My thoughts too. After countless hours back testing and walk forward testing I have come to the same conclusion. The mind, with experience/knowledge, can process all the incoming data and adjust accordingly while a mechanical approach is not flexible. 

How is this for simplicity?

An entry price *with a higher probability* based upon and/or

a) F/A
b) T/A

An exit price based upon and/or

a) Time
b) %/$ gain or loss
c) T/A 
d) F/A 

coupled with risk controls relative to tolerance or bank account.


----------



## AMSH (4 February 2011)

Brty, Motorway et al you're right - you don't need to be able to code to trade profitably; people trade using all sorts of methods. But we're talking about a beginner who's trying to find the best way to approach learning _how to be a profitable trader_ - what are the best tools to learn how the market really works? Is it to slog it out in front of a screen looking at 1,000 charts, or is it to get your software to do that in 10 seconds, get a summarised version of the results and then move on to the next idea?

Discretionary trading is in some ways far superior to a quantitative approach - there's some stuff that simply can't be coded. But to grow your knowledge base and gain information to become (perhaps) a great discretionary trader, using software and being able to code is a necessity. Again, only my opinion.

Isn't it logical that if you trade a method without knowing how it's going to behave, you're essentially gambling. I'm pretty sure that if anybody could pick up a newsletter, trade the recommendations and beat the broad index, 1) there wouldn't be any question about whether the market is efficient or not (it's not but that's beside the point) and 2) there would be far more newsletters.

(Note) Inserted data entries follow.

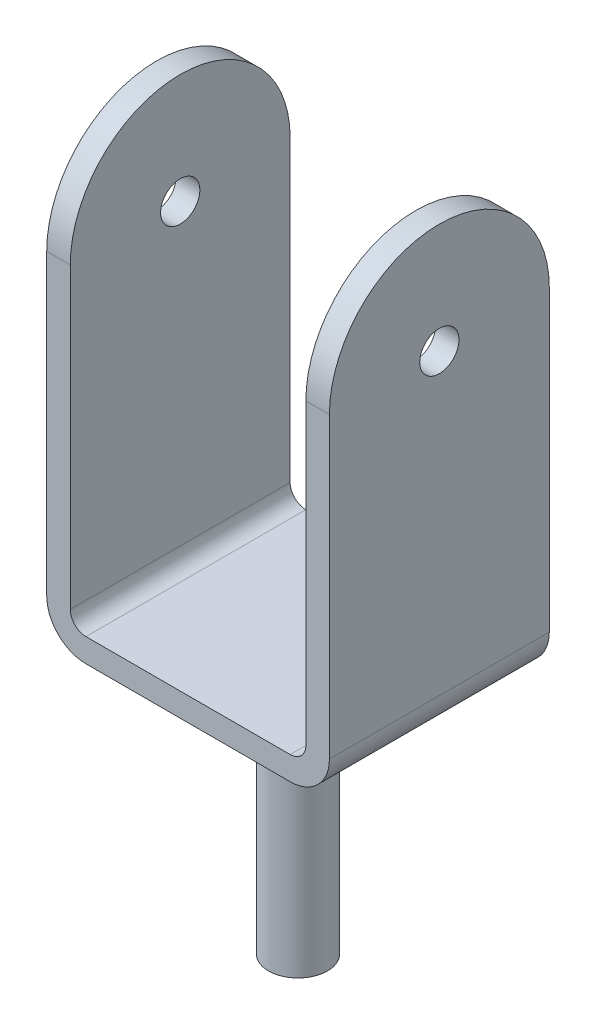
from build123d import *
from build123d.topology import SkipClean

# Parameters (mm, degrees)
BOSS_EXTRUDE1_DEPTH = 280
FILLET1_R           = 50
BOSS_EXTRUDE3_START = -30
BOSS_EXTRUDE3_DEPTH = 30
CUT_EXTRUDE5_START  = -30
CUT_EXTRUDE5_DEPTH  = 30
BOSS_EXTRUDE4_DEPTH = 30
CUT_EXTRUDE6_DEPTH  = 30
BOSS_EXTRUDE5_DEPTH = 325
CUT_EXTRUDE7_REACH  = 708.824
SKETCH7_R           = 25


with BuildPart() as part:
    # Sketch1 → Boss-Extrude1 (new body)
    with BuildSketch(Plane.XY):
        with BuildLine():
            Line((130, 0), (-130, 0))
            ThreePointArc((-130, 0), (-144.142135624, 5.857864376), (-150, 20))
            Line((-150, 20), (-150, 490))
            Line((-150, 490), (-180, 490))
            Line((-180, 490), (-180, -30))
            Line((-180, -30), (180, -30))
            Line((180, -30), (180, 490))
            Line((180, 490), (150, 490))
            Line((150, 490), (150, 20))
            ThreePointArc((150, 20), (144.142135624, 5.857864376), (130, 0))
        make_face()
    extrude(amount=BOSS_EXTRUDE1_DEPTH)

    # Fillet1
    fillet1_edges = [part.edges().sort_by_distance(p)[0] for p in [
        (180, -30, 140),
        (-180, -30, 140),
    ]]
    fillet(fillet1_edges, radius=FILLET1_R)

    # Sketch4 → Boss-Extrude3 (add)
    with BuildSketch(Plane.ZY.offset(180).offset(BOSS_EXTRUDE3_START)):
        with BuildLine():
            Line((247.238052948, 490), (140, 490))
            Line((140, 490), (140, 400))
            Line((140, 400), (280, 400))
            ThreePointArc((280, 400), (271.554793551, 447.888790898), (247.238052948, 490))
        make_face()
        with BuildLine():
            Line((140, 400), (140, 490))
            Line((140, 490), (32.761947052, 490))
            ThreePointArc((32.761947052, 490), (8.445206449, 447.888790898), (0, 400))
            Line((0, 400), (140, 400))
        make_face()
        with BuildLine():
            Line((247.238052948, 490), (140, 490))
            Line((140, 490), (140, 400))
            Line((140, 400), (280, 400))
            ThreePointArc((280, 400), (271.554793551, 447.888790898), (247.238052948, 490))
        make_face()
        with BuildLine():
            Line((140, 400), (140, 490))
            Line((140, 490), (32.761947052, 490))
            ThreePointArc((32.761947052, 490), (8.445206449, 447.888790898), (0, 400))
            Line((0, 400), (140, 400))
        make_face()
        with BuildLine():
            Line((32.761947052, 490), (140, 490))
            Line((140, 490), (247.238052948, 490))
            ThreePointArc((247.238052948, 490), (140, 540), (32.761947052, 490))
        make_face()
    extrude(amount=BOSS_EXTRUDE3_DEPTH)

    # Sketch4<3> → Cut-Extrude5 (cut)
    with SkipClean():  # the faces are left unmerged after this step: merging them gives an invalid solid
        with BuildSketch(Plane.ZY.offset(180).offset(CUT_EXTRUDE5_START)):
            with BuildLine():
                Line((0, 490), (0, 400))
                ThreePointArc((0, 400), (8.445206449, 447.888790898), (32.761947052, 490))
                Line((32.761947052, 490), (0, 490))
            make_face()
            with BuildLine():
                ThreePointArc((247.238052948, 490), (271.554793551, 447.888790898), (280, 400))
                Line((280, 400), (280, 490))
                Line((280, 490), (247.238052948, 490))
            make_face()
        extrude(amount=CUT_EXTRUDE5_DEPTH, mode=Mode.SUBTRACT)

    # Sketch5 → Boss-Extrude4 (add)
    with SkipClean():  # the faces are left unmerged after this step: merging them gives an invalid solid
        with BuildSketch(Plane(origin=(180, 0, 0), x_dir=(0, 0, -1), z_dir=(1, 0, 0))):
            with BuildLine():
                Line((-280, 400), (0, 400))
                ThreePointArc((0, 400), (-140, 540), (-280, 400))
            make_face()
        extrude(amount=-BOSS_EXTRUDE4_DEPTH)

    # Sketch5<2> → Cut-Extrude6 (cut)
    with SkipClean():  # the faces are left unmerged after this step: merging them gives an invalid solid
        with BuildSketch(Plane(origin=(180, 0, 0), x_dir=(0, 0, -1), z_dir=(1, 0, 0))):
            with BuildLine():
                Line((-280, 490), (-280, 400))
                ThreePointArc((-280, 400), (-271.554793551, 447.888790898), (-247.238052948, 490))
                Line((-247.238052948, 490), (-280, 490))
            make_face()
            with BuildLine():
                ThreePointArc((-32.761947052, 490), (-8.445206449, 447.888790898), (0, 400))
                Line((0, 400), (0, 490))
                Line((0, 490), (-32.761947052, 490))
            make_face()
        extrude(amount=-CUT_EXTRUDE6_DEPTH, mode=Mode.SUBTRACT)

    # Sketch6 → Boss-Extrude5 (add)
    with SkipClean():  # the faces are left unmerged after this step: merging them gives an invalid solid
        with BuildSketch(Plane.XZ.offset(30)):
            with BuildLine():
                ThreePointArc((37.5, 140), (26.516504294, 166.516504294), (0, 177.5))
                Line((0, 177.5), (0, 102.5))
                ThreePointArc((0, 102.5), (26.516504294, 113.483495706), (37.5, 140))
            make_face()
            with BuildLine():
                Line((0, 102.5), (0, 177.5))
                ThreePointArc((0, 177.5), (-37.5, 140), (0, 102.5))
            make_face()
            with BuildLine():
                ThreePointArc((37.5, 140), (26.516504294, 166.516504294), (0, 177.5))
                Line((0, 177.5), (0, 102.5))
                ThreePointArc((0, 102.5), (26.516504294, 113.483495706), (37.5, 140))
            make_face()
            with BuildLine():
                Line((0, 102.5), (0, 177.5))
                ThreePointArc((0, 177.5), (-37.5, 140), (0, 102.5))
            make_face()
        extrude(amount=BOSS_EXTRUDE5_DEPTH)

    # Cut-Extrude7: up to this face of the body (flat: up to its plane)
    cut_extrude7_end = Plane(part.part.faces().sort_by_distance((180, 210, 140))[0])
    # Sketch7 → Cut-Extrude7 (cut, up to the picked face)
    with BuildSketch(Plane.ZY.offset(180), mode=Mode.PRIVATE) as cut_extrude7_sk1:
        with Locations(Location((140, 400, 0), (0, 0, 270))):
            Circle(SKETCH7_R)
    cut_extrude7_tool1 = split(extrude(cut_extrude7_sk1.sketch, amount=-CUT_EXTRUDE7_REACH, mode=Mode.PRIVATE), bisect_by=cut_extrude7_end, keep=Keep.BOTH, mode=Mode.PRIVATE)
    add(cut_extrude7_tool1.solids().sort_by(Axis((-180, 400, 140), (1, 0, 0)))[0], mode=Mode.SUBTRACT)


solid = part.part

Motorway, I think indicators are useless and I'm not trying to promote them - OHLCV is all the information that you have, and it's all that's needed - indicator simply distort the basis of what you're trying to measure. 

Cheers,

Al.


----------



## chrislp (4 February 2011)

AMSH said:


> But we're talking about a beginner who's trying to find the best way to approach learning how to be a profitable trader - what are the best tools to learn how the market really works? Is it to slog it out in front of a screen looking at 1,000 charts, or is it to get your software to do that in 10 seconds, get a summarised version of the results and then move on to the next idea?




If you're a beginner I personally think it's the former.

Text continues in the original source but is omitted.